How to Read OJAD: The Online Japanese Accent Dictionary
Reading OJAD, the Online Japanese Accent Dictionary, comes down to four features, one overline convention, and a few important limitations.1 Learners who already know basic pitch-accent notation can use OJAD as a single page that answers every "where does the drop fall?" question about a word, a conjugated form, or a whole sentence.
Overview
What OJAD is (and what it is not)
OJAD stands for the Online Japanese Accent Dictionary.1 It is a free academic web resource maintained by the Minematsu Laboratory and the Saito Laboratory in the Graduate School of Engineering at the University of Tokyo.1
OJAD is a pitch and intonation reference, not a meaning dictionary. Word Search returns accent type and audio, never an English gloss.12
The Interspeech 2013 paper introduces OJAD as "the first online and free framework for teaching and learning Japanese prosody including word accent and phrase intonation."3 Prosody means the rhythm, pitch, and intonation of speech. The four official features are Word Search, Verb Suffix Search, Text Search, and Suzuki-kun: Prosody Tutor.14
OJAD does not gloss words. The reliable workflow is to confirm meaning and reading in a meaning dictionary first, then carry the kana or kanji into OJAD for the accent.5
When to reach for OJAD
Use OJAD when the question is pitch: citation form, conjugated form, or sentence-level contour. First settle the meaning elsewhere.15
Each of the four features answers a different version of that question. Word Search returns "the accent type of the conjugated forms (apps. 10 kinds) of declinable words." Here, declinable means words that change form, such as verbs and adjectives. Verb Suffix Search returns "the accent type of verb-suffixes." Text Search lets you paste a Japanese sentence to "determine the accent types of all the declinable words." Suzuki-kun predicts "the accent kernel position" and "the pitch contour when read aloud."4
What the dataset covers
OJAD's home page gives the scale directly: "Over 9000 nouns and 3500 declinable words including verbs, i-adjectives, and na-adjectives, making it possible to search approximately 42,300 conjugations of words."1
The accent-change patterns are organised around "twelve kinds of fundamental conjugation," meaning twelve core forms for verbs and adjectives.3 Tofugu summarises the audio side of the dataset as "approximately 42,300 conjugation patterns, with audio recordings by both male and female voice actors."5
"Each conjugated form given in the dictionary is accompanied by both male and female audio." OJAD does not provide noun audio samples.1
The four features of OJAD
The site's top navigation shows four tools that share one accent dataset. Each tool answers a different question: a single word, a suffix family, a full sentence, or a full sentence with playback audio.

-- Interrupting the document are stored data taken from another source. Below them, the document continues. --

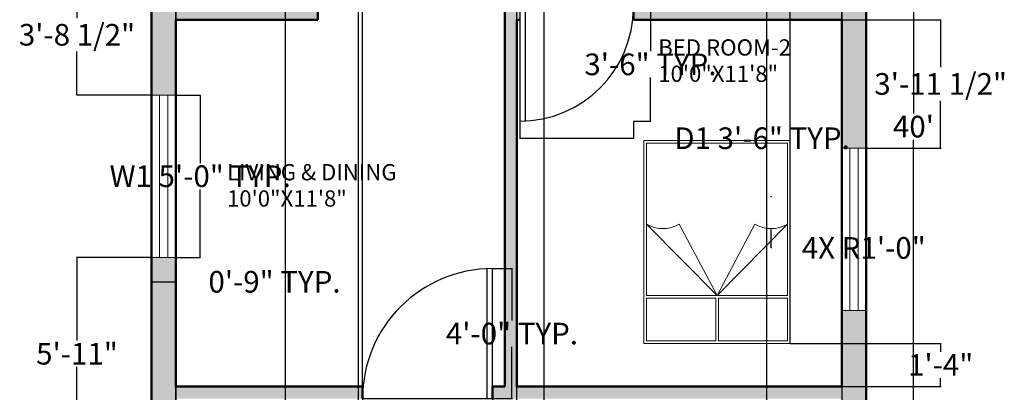
# Model space of a CAD drawing. Units: inches. Extents: x 23 to 387, y 67 to 650.
# Tile 2 of 3: x 23 to 387, y 272 to 410. Entities that reach past the tile are written whole.
import ezdxf

# ---------------------------------------------------------------- set-up
doc = ezdxf.new("R2010")
doc.units = ezdxf.units.IN
doc.header["$MEASUREMENT"] = 0
for name, color, linetype, lineweight in [('A-ANNO-DIMS', 4, 'Continuous', 18), ('A-AREA-IDEN', 4, 'Continuous', 25), ('A-DOOR', 41, 'Continuous', 25), ('A-FURN', 31, 'Continuous', 18), ('A-GLAZ', 146, 'Continuous', 18), ('A-WALL', 240, 'Continuous', 50), ('A-WALL-PATT', 31, 'Continuous', 13)]:
    doc.layers.add(name, color=color, linetype=linetype, lineweight=lineweight)
doc.styles.get("Standard").update_dxf_attribs({"font": 'italic8.shx'})
doc.dimstyles.get("Standard").update_dxf_attribs({"dimtxt": 8, "dimasz": 0.18, "dimexe": 0.18, "dimexo": 0.0625, "dimgap": 0.09, "dimtad": 0, "dimtih": 1, "dimtoh": 1, "dimdec": 1, "dimzin": 0, "dimdsep": 46, "dimlunit": 3, "dimtxsty": 'Standard', "dimcen": 0.09, "dimadec": 0, "dimazin": 0, "dimtfac": 1, "dimtdec": 1, "dimtofl": 0, "dimtmove": 0, "dimatfit": 3, "dimfxl": 1, "dimtolj": 1, "dimtzin": 0, "dimarcsym": 0})

# ---------------------------------------------------------------- blocks, each defined once
blk = doc.blocks.new('*D5')
at = {"layer": 'A-ANNO-DIMS', "color": 0, "lineweight": -2, "transparency": 16777216}
for p, q in [((335.86, 610.55), (353.42, 610.55)), ((353.24, 610.37), (353.24, 375.4)), ((353.24, 130.73), (353.24, 365.7)), ((335.86, 130.55), (353.42, 130.55))]:
    blk.add_line(p, q, dxfattribs=at)
at = {"layer": 'A-ANNO-DIMS', "color": 0, "transparency": 16777216}
for points in [[(353.21, 610.37), (353.27, 610.37), (353.24, 610.55)], [(353.21, 130.73), (353.27, 130.73), (353.24, 130.55)]]:
    blk.add_solid(points, dxfattribs=at)
at = {"layer": 'Defpoints', "color": 0, "transparency": 16777216}
for p in [(335.8, 610.55), (335.8, 130.55), (353.24, 130.55)]:
    blk.add_point(p, dxfattribs=at)
at = {"layer": 'A-ANNO-DIMS', "color": 0, "transparency": 16777216, "insert": (353.24, 370.55), "char_height": 8, "attachment_point": 5}
blk.add_mtext("\\A1;40'", dxfattribs=at)
blk = doc.blocks.new('BED-DOUBLE')
for p, q in [((26.5, 58.27), (26.5, 74)), ((27.5, 58.27), (27.5, 74)), ((1, 58.27), (26.5, 58.27)), ((27.5, 58.27), (53, 58.27)), ((1, 57.27), (53, 57.27)), ((27, 57.27), (1, 30.99)), ((13, 30.99), (27, 57.27)), ((27, 57.27), (53, 30.99)), ((41, 30.99), (27, 57.27))]:
    blk.add_line(p, q)
blk.add_lwpolyline([(54, 75), (0, 75), (0, 0), (54, 0)], close=True)
for points in [[(26.5, 74), (1, 74), (1, 58.27)], [(53, 58.27), (53, 74), (27.5, 74)], [(1, 57.27), (1, 1), (53, 1), (53, 57.27)]]:
    blk.add_lwpolyline(points)
for centre in [(7, 20.75), (47, 20.75)]:
    blk.add_arc(centre, 11.86, 59.6151, 120.3849)
blk = doc.blocks.new('DOOR-SWING-42IN')
for p, q in [((42, 42), (0, 42)), ((0, 42), (0, 0)), ((2, 42), (2, 0.05))]:
    blk.add_line(p, q)
blk.add_arc((0, 42), 42, 270, 0)
blk = doc.blocks.new('DOOR-SWING-48IN')
for p, q in [((46, 0), (46, 47.96)), ((48, 0), (48, 48)), ((0, 0), (48, 0))]:
    blk.add_line(p, q)
blk.add_arc((48, 0), 48, 90, 180)
blk = doc.blocks.new('WIN-60IN')
for p, q in [((0, 0), (0, 60)), ((0, 60), (9, 60)), ((3, 0), (3, 60)), ((6, 0), (6, 60)), ((9, 60), (9, 0)), ((9, 0), (0, 0)), ((0, 0), (4.5, 0))]:
    blk.add_line(p, q)
blk = doc.blocks.new('*D12')
at = {"layer": 'A-ANNO-DIMS', "color": 0, "lineweight": -2, "transparency": 16777216}
for p, q in [((80.86, 382.2), (89.98, 382.2)), ((89.8, 382.02), (89.8, 357.05)), ((89.8, 322.38), (89.8, 347.34)), ((80.86, 322.2), (89.98, 322.2))]:
    blk.add_line(p, q, dxfattribs=at)
at = {"layer": 'A-ANNO-DIMS', "color": 0, "transparency": 16777216}
for points in [[(89.77, 382.02), (89.83, 382.02), (89.8, 382.2)], [(89.77, 322.38), (89.83, 322.38), (89.8, 322.2)]]:
    blk.add_solid(points, dxfattribs=at)
at = {"layer": 'Defpoints', "color": 0, "transparency": 16777216}
for p in [(80.8, 382.2), (89.8, 382.2), (80.8, 322.2)]:
    blk.add_point(p, dxfattribs=at)
at = {"layer": 'A-ANNO-DIMS', "color": 0, "transparency": 16777216, "insert": (89.8, 352.2), "char_height": 8, "attachment_point": 5}
blk.add_mtext('\\A1;W1 5\'-0" TYP.', dxfattribs=at)
blk = doc.blocks.new('*D13')
at = {"layer": 'A-ANNO-DIMS', "color": 0, "lineweight": -2, "transparency": 16777216}
for p, q in [((71.8, 322.13), (71.8, 313.02)), ((80.8, 322.13), (80.8, 313.02)), ((71.98, 313.2), (80.62, 313.2)), ((80.8, 313.2), (80.98, 313.2))]:
    blk.add_line(p, q, dxfattribs=at)
at = {"layer": 'A-ANNO-DIMS', "color": 0, "transparency": 16777216}
for points in [[(71.98, 313.23), (71.98, 313.17), (71.8, 313.2)], [(80.62, 313.23), (80.62, 313.17), (80.8, 313.2)]]:
    blk.add_solid(points, dxfattribs=at)
at = {"layer": 'Defpoints', "color": 0, "transparency": 16777216}
for p in [(71.8, 322.2), (80.8, 322.2), (80.8, 313.2)]:
    blk.add_point(p, dxfattribs=at)
at = {"layer": 'A-ANNO-DIMS', "color": 0, "transparency": 16777216, "insert": (117.26, 313.2), "char_height": 8, "attachment_point": 5}
blk.add_mtext('\\A1;0\'-9" TYP.', dxfattribs=at)
blk = doc.blocks.new('*D20')
at = {"layer": 'A-ANNO-DIMS', "color": 0, "lineweight": -2, "transparency": 16777216}
for p, q in [((207.82, 372.49), (207.82, 366.07)), ((249.82, 372.49), (249.82, 366.07)), ((208, 366.25), (249.64, 366.25)), ((249.82, 366.25), (250, 366.25))]:
    blk.add_line(p, q, dxfattribs=at)
at = {"layer": 'A-ANNO-DIMS', "color": 0, "transparency": 16777216}
for points in [[(208, 366.28), (208, 366.22), (207.82, 366.25)], [(249.64, 366.28), (249.64, 366.22), (249.82, 366.25)]]:
    blk.add_solid(points, dxfattribs=at)
at = {"layer": 'Defpoints', "color": 0, "transparency": 16777216}
for p in [(207.82, 372.55), (249.82, 372.55), (249.82, 366.25)]:
    blk.add_point(p, dxfattribs=at)
at = {"layer": 'A-ANNO-DIMS', "color": 0, "transparency": 16777216, "insert": (297.33, 366.25), "char_height": 8, "attachment_point": 5}
blk.add_mtext('\\A1;D1 3\'-6" TYP.', dxfattribs=at)
blk = doc.blocks.new('*D21')
at = {"layer": 'A-ANNO-DIMS', "color": 0, "lineweight": -2, "transparency": 16777216}
for p, q in [((249.89, 414.55), (256.3, 414.55)), ((256.12, 414.37), (256.12, 398.4)), ((256.12, 372.73), (256.12, 388.7)), ((249.89, 372.55), (256.3, 372.55))]:
    blk.add_line(p, q, dxfattribs=at)
at = {"layer": 'A-ANNO-DIMS', "color": 0, "transparency": 16777216}
for points in [[(256.09, 414.37), (256.15, 414.37), (256.12, 414.55)], [(256.09, 372.73), (256.15, 372.73), (256.12, 372.55)]]:
    blk.add_solid(points, dxfattribs=at)
at = {"layer": 'Defpoints', "color": 0, "transparency": 16777216}
for p in [(249.82, 414.55), (256.12, 414.55), (249.82, 372.55)]:
    blk.add_point(p, dxfattribs=at)
at = {"layer": 'A-ANNO-DIMS', "color": 0, "transparency": 16777216, "insert": (256.12, 393.55), "char_height": 8, "attachment_point": 5}
blk.add_mtext('\\A1;3\'-6" TYP.', dxfattribs=at)
blk = doc.blocks.new('*D22')
at = {"layer": 'A-ANNO-DIMS', "color": 0, "lineweight": -2, "transparency": 16777216}
for p, q in [((149.76, 269.99), (149.76, 262.67)), ((197.76, 269.99), (197.76, 262.67)), ((149.94, 262.85), (197.58, 262.85)), ((197.76, 262.85), (197.94, 262.85))]:
    blk.add_line(p, q, dxfattribs=at)
at = {"layer": 'A-ANNO-DIMS', "color": 0, "transparency": 16777216}
for points in [[(149.94, 262.88), (149.94, 262.82), (149.76, 262.85)], [(197.58, 262.88), (197.58, 262.82), (197.76, 262.85)]]:
    blk.add_solid(points, dxfattribs=at)
at = {"layer": 'Defpoints', "color": 0, "transparency": 16777216}
for p in [(149.76, 270.05), (197.76, 270.05), (197.76, 262.85)]:
    blk.add_point(p, dxfattribs=at)
at = {"layer": 'A-ANNO-DIMS', "color": 0, "transparency": 16777216, "insert": (246.6, 262.85), "char_height": 8, "attachment_point": 5}
blk.add_mtext('\\A1;D2 4\'-0" TYP.', dxfattribs=at)
blk = doc.blocks.new('*D23')
at = {"layer": 'A-ANNO-DIMS', "color": 0, "lineweight": -2, "transparency": 16777216}
for p, q in [((197.82, 318.05), (205.14, 318.05)), ((204.96, 317.87), (204.96, 298.9)), ((204.96, 270.23), (204.96, 289.2)), ((197.82, 270.05), (205.14, 270.05))]:
    blk.add_line(p, q, dxfattribs=at)
at = {"layer": 'A-ANNO-DIMS', "color": 0, "transparency": 16777216}
for points in [[(204.93, 317.87), (204.99, 317.87), (204.96, 318.05)], [(204.93, 270.23), (204.99, 270.23), (204.96, 270.05)]]:
    blk.add_solid(points, dxfattribs=at)
at = {"layer": 'Defpoints', "color": 0, "transparency": 16777216}
for p in [(197.76, 318.05), (204.96, 318.05), (197.76, 270.05)]:
    blk.add_point(p, dxfattribs=at)
at = {"layer": 'A-ANNO-DIMS', "color": 0, "transparency": 16777216, "insert": (204.96, 294.05), "char_height": 8, "attachment_point": 5}
blk.add_mtext('\\A1;4\'-0" TYP.', dxfattribs=at)
blk = doc.blocks.new('*D30')
at = {"layer": 'A-ANNO-DIMS', "color": 0, "lineweight": -2, "transparency": 16777216}
for p, q in [((71.74, 426.74), (44.12, 426.74)), ((44.3, 426.56), (44.3, 410.65)), ((44.3, 382.38), (44.3, 398.28)), ((71.74, 382.2), (44.12, 382.2))]:
    blk.add_line(p, q, dxfattribs=at)
at = {"layer": 'A-ANNO-DIMS', "color": 0, "transparency": 16777216}
for points in [[(44.27, 426.56), (44.33, 426.56), (44.3, 426.74)], [(44.27, 382.38), (44.33, 382.38), (44.3, 382.2)]]:
    blk.add_solid(points, dxfattribs=at)
at = {"layer": 'Defpoints', "color": 0, "transparency": 16777216}
for p in [(71.8, 426.74), (44.3, 382.2), (71.8, 382.2)]:
    blk.add_point(p, dxfattribs=at)
at = {"layer": 'A-ANNO-DIMS', "color": 0, "transparency": 16777216, "insert": (44.3, 404.47), "char_height": 8, "attachment_point": 5}
blk.add_mtext('\\A1;3\'-8 1/2"', dxfattribs=at)
blk = doc.blocks.new('*D31')
at = {"layer": 'A-ANNO-DIMS', "color": 0, "lineweight": -2, "transparency": 16777216}
for p, q in [((71.74, 322.2), (44.12, 322.2)), ((44.3, 322.02), (44.3, 291.47)), ((44.3, 251.22), (44.3, 281.76)), ((71.74, 251.04), (44.12, 251.04))]:
    blk.add_line(p, q, dxfattribs=at)
at = {"layer": 'A-ANNO-DIMS', "color": 0, "transparency": 16777216}
for points in [[(44.27, 322.02), (44.33, 322.02), (44.3, 322.2)], [(44.27, 251.22), (44.33, 251.22), (44.3, 251.04)]]:
    blk.add_solid(points, dxfattribs=at)
at = {"layer": 'Defpoints', "color": 0, "transparency": 16777216}
for p in [(71.8, 322.2), (44.3, 251.04), (71.8, 251.04)]:
    blk.add_point(p, dxfattribs=at)
at = {"layer": 'A-ANNO-DIMS', "color": 0, "transparency": 16777216, "insert": (44.3, 286.62), "char_height": 8, "attachment_point": 5}
blk.add_mtext('\\A1;5\'-11"', dxfattribs=at)
blk = doc.blocks.new('*D35')
at = {"layer": 'A-ANNO-DIMS', "color": 0, "lineweight": -2, "transparency": 16777216}
for p, q in [((326.86, 410.05), (363.48, 410.05)), ((363.3, 409.87), (363.3, 392.49)), ((363.3, 362.75), (363.3, 380.12)), ((335.86, 362.57), (363.48, 362.57))]:
    blk.add_line(p, q, dxfattribs=at)
at = {"layer": 'A-ANNO-DIMS', "color": 0, "transparency": 16777216}
for points in [[(363.27, 409.87), (363.33, 409.87), (363.3, 410.05)], [(363.27, 362.75), (363.33, 362.75), (363.3, 362.57)]]:
    blk.add_solid(points, dxfattribs=at)
at = {"layer": 'Defpoints', "color": 0, "transparency": 16777216}
for p in [(326.8, 410.05), (335.8, 362.57), (363.3, 362.57)]:
    blk.add_point(p, dxfattribs=at)
at = {"layer": 'A-ANNO-DIMS', "color": 0, "transparency": 16777216, "insert": (363.3, 386.31), "char_height": 8, "attachment_point": 5}
blk.add_mtext('\\A1;3\'-11 1/2"', dxfattribs=at)
blk = doc.blocks.new('*D37')
at = {"layer": 'A-ANNO-DIMS', "color": 0, "lineweight": -2, "transparency": 16777216}
for p, q in [((80.8, 139.61), (80.8, 638.23)), ((80.98, 638.05), (81.51, 638.05)), ((148.12, 638.05), (147.59, 638.05)), ((148.3, 139.61), (148.3, 638.23))]:
    blk.add_line(p, q, dxfattribs=at)
at = {"layer": 'A-ANNO-DIMS', "color": 0, "transparency": 16777216}
for points in [[(80.98, 638.08), (80.98, 638.02), (80.8, 638.05)], [(148.12, 638.08), (148.12, 638.02), (148.3, 638.05)]]:
    blk.add_solid(points, dxfattribs=at)
at = {"layer": 'Defpoints', "color": 0, "transparency": 16777216}
for p in [(148.3, 638.05), (80.8, 139.55), (148.3, 139.55)]:
    blk.add_point(p, dxfattribs=at)
at = {"layer": 'A-ANNO-DIMS', "color": 0, "transparency": 16777216, "insert": (114.55, 638.05), "char_height": 8, "attachment_point": 5}
blk.add_mtext('\\A1;5\'-7 1/2"', dxfattribs=at)
blk = doc.blocks.new('*D38')
at = {"layer": 'A-ANNO-DIMS', "color": 0, "lineweight": -2, "transparency": 16777216}
for p, q in [((80.8, 274.61), (80.8, 638.23)), ((80.98, 638.05), (97.28, 638.05)), ((149.58, 638.05), (133.27, 638.05)), ((149.76, 274.61), (149.76, 638.23))]:
    blk.add_line(p, q, dxfattribs=at)
at = {"layer": 'A-ANNO-DIMS', "color": 0, "transparency": 16777216}
for points in [[(80.98, 638.08), (80.98, 638.02), (80.8, 638.05)], [(149.58, 638.08), (149.58, 638.02), (149.76, 638.05)]]:
    blk.add_solid(points, dxfattribs=at)
at = {"layer": 'Defpoints', "color": 0, "transparency": 16777216}
for p in [(149.76, 638.05), (80.8, 274.55), (149.76, 274.55)]:
    blk.add_point(p, dxfattribs=at)
at = {"layer": 'A-ANNO-DIMS', "color": 0, "transparency": 16777216, "insert": (115.28, 638.05), "char_height": 8, "attachment_point": 5}
blk.add_mtext('\\A1;5\'-9"', dxfattribs=at)
blk = doc.blocks.new('*D39')
at = {"layer": 'A-ANNO-DIMS', "color": 0, "lineweight": -2, "transparency": 16777216}
for p, q in [((206.8, 192.11), (206.8, 638.23)), ((206.98, 638.05), (216.62, 638.05)), ((216.8, 192.11), (216.8, 638.23)), ((216.8, 638.05), (216.98, 638.05))]:
    blk.add_line(p, q, dxfattribs=at)
at = {"layer": 'A-ANNO-DIMS', "color": 0, "transparency": 16777216}
for points in [[(206.98, 638.08), (206.98, 638.02), (206.8, 638.05)], [(216.62, 638.08), (216.62, 638.02), (216.8, 638.05)]]:
    blk.add_solid(points, dxfattribs=at)
at = {"layer": 'Defpoints', "color": 0, "transparency": 16777216}
for p in [(216.8, 638.05), (206.8, 192.05), (216.8, 192.05)]:
    blk.add_point(p, dxfattribs=at)
at = {"layer": 'A-ANNO-DIMS', "color": 0, "transparency": 16777216, "insert": (237.64, 638.05), "char_height": 8, "attachment_point": 5}
blk.add_mtext('\\A1;0\'-10"', dxfattribs=at)
blk = doc.blocks.new('*D40')
at = {"layer": 'A-ANNO-DIMS', "color": 0, "lineweight": -2, "transparency": 16777216}
for p, q in [((80.8, 601.49), (80.8, 78.87)), ((121.14, 558.4), (121.14, 78.87)), ((80.8, 79.05), (80.62, 79.05)), ((120.96, 79.05), (80.98, 79.05))]:
    blk.add_line(p, q, dxfattribs=at)
at = {"layer": 'A-ANNO-DIMS', "color": 0, "transparency": 16777216}
for points in [[(80.98, 79.08), (80.98, 79.02), (80.8, 79.05)], [(120.96, 79.08), (120.96, 79.02), (121.14, 79.05)]]:
    blk.add_solid(points, dxfattribs=at)
at = {"layer": 'Defpoints', "color": 0, "transparency": 16777216}
for p in [(80.8, 601.55), (121.14, 558.46), (80.8, 79.05)]:
    blk.add_point(p, dxfattribs=at)
at = {"layer": 'A-ANNO-DIMS', "color": 0, "transparency": 16777216, "insert": (47.39, 79.05), "char_height": 8, "attachment_point": 5}
blk.add_mtext('\\A1;3\'-4 1/2"', dxfattribs=at)
blk = doc.blocks.new('*D42')
at = {"layer": 'A-ANNO-DIMS', "color": 0, "lineweight": -2, "transparency": 16777216}
for p, q in [((202.3, 274.61), (202.3, 638.23)), ((202.48, 638.05), (206.62, 638.05)), ((206.8, 274.61), (206.8, 638.23)), ((206.8, 638.05), (206.98, 638.05))]:
    blk.add_line(p, q, dxfattribs=at)
at = {"layer": 'A-ANNO-DIMS', "color": 0, "transparency": 16777216}
for points in [[(202.48, 638.08), (202.48, 638.02), (202.3, 638.05)], [(206.62, 638.08), (206.62, 638.02), (206.8, 638.05)]]:
    blk.add_solid(points, dxfattribs=at)
at = {"layer": 'Defpoints', "color": 0, "transparency": 16777216}
for p in [(206.8, 638.05), (202.3, 274.55), (206.8, 274.55)]:
    blk.add_point(p, dxfattribs=at)
at = {"layer": 'A-ANNO-DIMS', "color": 0, "transparency": 16777216, "insert": (240.21, 638.05), "char_height": 8, "attachment_point": 5}
blk.add_mtext('\\A1;0\'-4 1/2"', dxfattribs=at)
blk = doc.blocks.new('*D43')
at = {"layer": 'A-ANNO-DIMS', "color": 0, "lineweight": -2, "transparency": 16777216}
for p, q in [((326.8, 601.49), (326.8, 78.87)), ((298.95, 586.36), (298.95, 78.87)), ((298.95, 79.05), (298.77, 79.05)), ((326.62, 79.05), (299.13, 79.05))]:
    blk.add_line(p, q, dxfattribs=at)
at = {"layer": 'A-ANNO-DIMS', "color": 0, "transparency": 16777216}
for points in [[(299.13, 79.08), (299.13, 79.02), (298.95, 79.05)], [(326.62, 79.08), (326.62, 79.02), (326.8, 79.05)]]:
    blk.add_solid(points, dxfattribs=at)
at = {"layer": 'Defpoints', "color": 0, "transparency": 16777216}
for p in [(326.8, 601.55), (298.95, 586.43), (298.95, 79.05)]:
    blk.add_point(p, dxfattribs=at)
at = {"layer": 'A-ANNO-DIMS', "color": 0, "transparency": 16777216, "insert": (280.78, 79.05), "char_height": 8, "attachment_point": 5}
blk.add_mtext('\\A1;2\'-4"', dxfattribs=at)
blk = doc.blocks.new('*D45')
at = {"layer": 'A-ANNO-DIMS', "color": 0, "lineweight": -2, "transparency": 16777216}
for p, q in [((307.71, 638.05), (307.53, 638.05)), ((307.71, 290.5), (307.71, 638.23)), ((326.62, 638.05), (307.89, 638.05)), ((326.8, 274.61), (326.8, 638.23))]:
    blk.add_line(p, q, dxfattribs=at)
at = {"layer": 'A-ANNO-DIMS', "color": 0, "transparency": 16777216}
for points in [[(307.89, 638.08), (307.89, 638.02), (307.71, 638.05)], [(326.62, 638.08), (326.62, 638.02), (326.8, 638.05)]]:
    blk.add_solid(points, dxfattribs=at)
at = {"layer": 'Defpoints', "color": 0, "transparency": 16777216}
for p in [(307.71, 638.05), (307.71, 290.44), (326.8, 274.55)]:
    blk.add_point(p, dxfattribs=at)
at = {"layer": 'A-ANNO-DIMS', "color": 0, "transparency": 16777216, "insert": (291.25, 638.05), "char_height": 8, "attachment_point": 5}
blk.add_mtext('\\A1;1\'-7"', dxfattribs=at)
blk = doc.blocks.new('*D46')
at = {"layer": 'A-ANNO-DIMS', "color": 0, "lineweight": -2, "transparency": 16777216}
for p, q in [((307.77, 290.44), (363.48, 290.44)), ((363.3, 290.26), (363.3, 287.35)), ((363.3, 274.73), (363.3, 277.64)), ((326.86, 274.55), (363.48, 274.55))]:
    blk.add_line(p, q, dxfattribs=at)
at = {"layer": 'A-ANNO-DIMS', "color": 0, "transparency": 16777216}
for points in [[(363.27, 290.26), (363.33, 290.26), (363.3, 290.44)], [(363.27, 274.73), (363.33, 274.73), (363.3, 274.55)]]:
    blk.add_solid(points, dxfattribs=at)
at = {"layer": 'Defpoints', "color": 0, "transparency": 16777216}
for p in [(307.71, 290.44), (363.3, 290.44), (326.8, 274.55)]:
    blk.add_point(p, dxfattribs=at)
at = {"layer": 'A-ANNO-DIMS', "color": 0, "transparency": 16777216, "insert": (363.3, 282.49), "char_height": 8, "attachment_point": 5}
blk.add_mtext('\\A1;1\'-4"', dxfattribs=at)
blk = doc.blocks.new('*D50')
at = {"layer": 'A-ANNO-DIMS', "color": 0, "lineweight": -2, "transparency": 16777216}
for p, q in [((300.62, 344.69), (300.8, 344.69)), ((300.71, 344.6), (300.71, 344.78)), ((300.71, 325.71), (300.71, 332.65)), ((300.89, 325.71), (300.71, 325.71))]:
    blk.add_line(p, q, dxfattribs=at)
at = {"layer": 'A-ANNO-DIMS', "color": 0, "transparency": 16777216}
blk.add_solid([(300.74, 332.65), (300.68, 332.65), (300.71, 332.83)], dxfattribs=at)
at = {"layer": 'Defpoints', "color": 0, "transparency": 16777216}
for p in [(300.71, 344.69), (300.71, 332.83)]:
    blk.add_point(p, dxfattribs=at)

1. Accent Dictionary (word search)
Official description: "You can look up the accent type of the conjugated forms (apps. 10 kinds) of declinable words."4
Inputs can include kanji. The help page demonstrates 楽 as a search term, and the search box accepts comma- or space-separated multi-word lookups such as 遊ぶ 食べる 起きる 寝る 歩く 旅行する.2
The live filter row lets you narrow results by textbook chapter (Minna no Nihongo, GENKI, Marugoto, できる日本語, and others), part of speech, accent type (All, Accentless / Type 0, Initial-high / Type 1, Mid-high, Final-high, Accented Type 2 through 6+), word difficulty, and Old JLPT (Japanese-Language Proficiency Test) level (Level 4, 3, 2, 1).26
Accent representation: "The accent type is depicted with a straight line or the ¬ mark."2
For audio, the help page says, "Click either 'FEMALE' or 'MALE' and either female or male speech will be played." You can download samples for offline use by shift-clicking the sample.2
2. Verb Handbook (suffix and conjugation search)
Official description: "you can look up the accent type of verb-suffixes."4 In other words, this view shows how suffixes affect pitch.
The conjugation columns on the OJAD search results page cover twelve forms: dictionary form, ~ます, ~て, ~た, ~ない, ~なかった, ~ば, causative, passive, imperative, potential, volitional.6
The pedagogical aim, per the SLaTE (Speech and Language Technology in Education) 2013 paper, is "visual, auditory, systematic, and comprehensive illustration of patterns of accent change (accent sandhi) of verbs and adjectives, focusing on changes resulting from twelve kinds of fundamental conjugation."37 Tofugu summarises the same feature as "suffix search for grouped words like 〜ます, て form, ない."5 These are common endings learners meet early.
3. Text Search
Official description: Text Search lets you "enter a Japanese sentence of your own or one you grabbed from another source" to "determine the accent types of all the declinable words" in that sentence.4
Tofugu notes a per-query length of "up to 1500 words" for Text Search.5
4. Suzuki-kun (sentence prosody tutor)
Official function: "With Suzuki-kun: Prosody Tutor, (1) the accent kernel position will be predicted and shown and (2) the pitch contour for when the sentence is read aloud will be displayed for the sentence entered into the text box."8 The accent kernel is the place where the pitch drop is predicted.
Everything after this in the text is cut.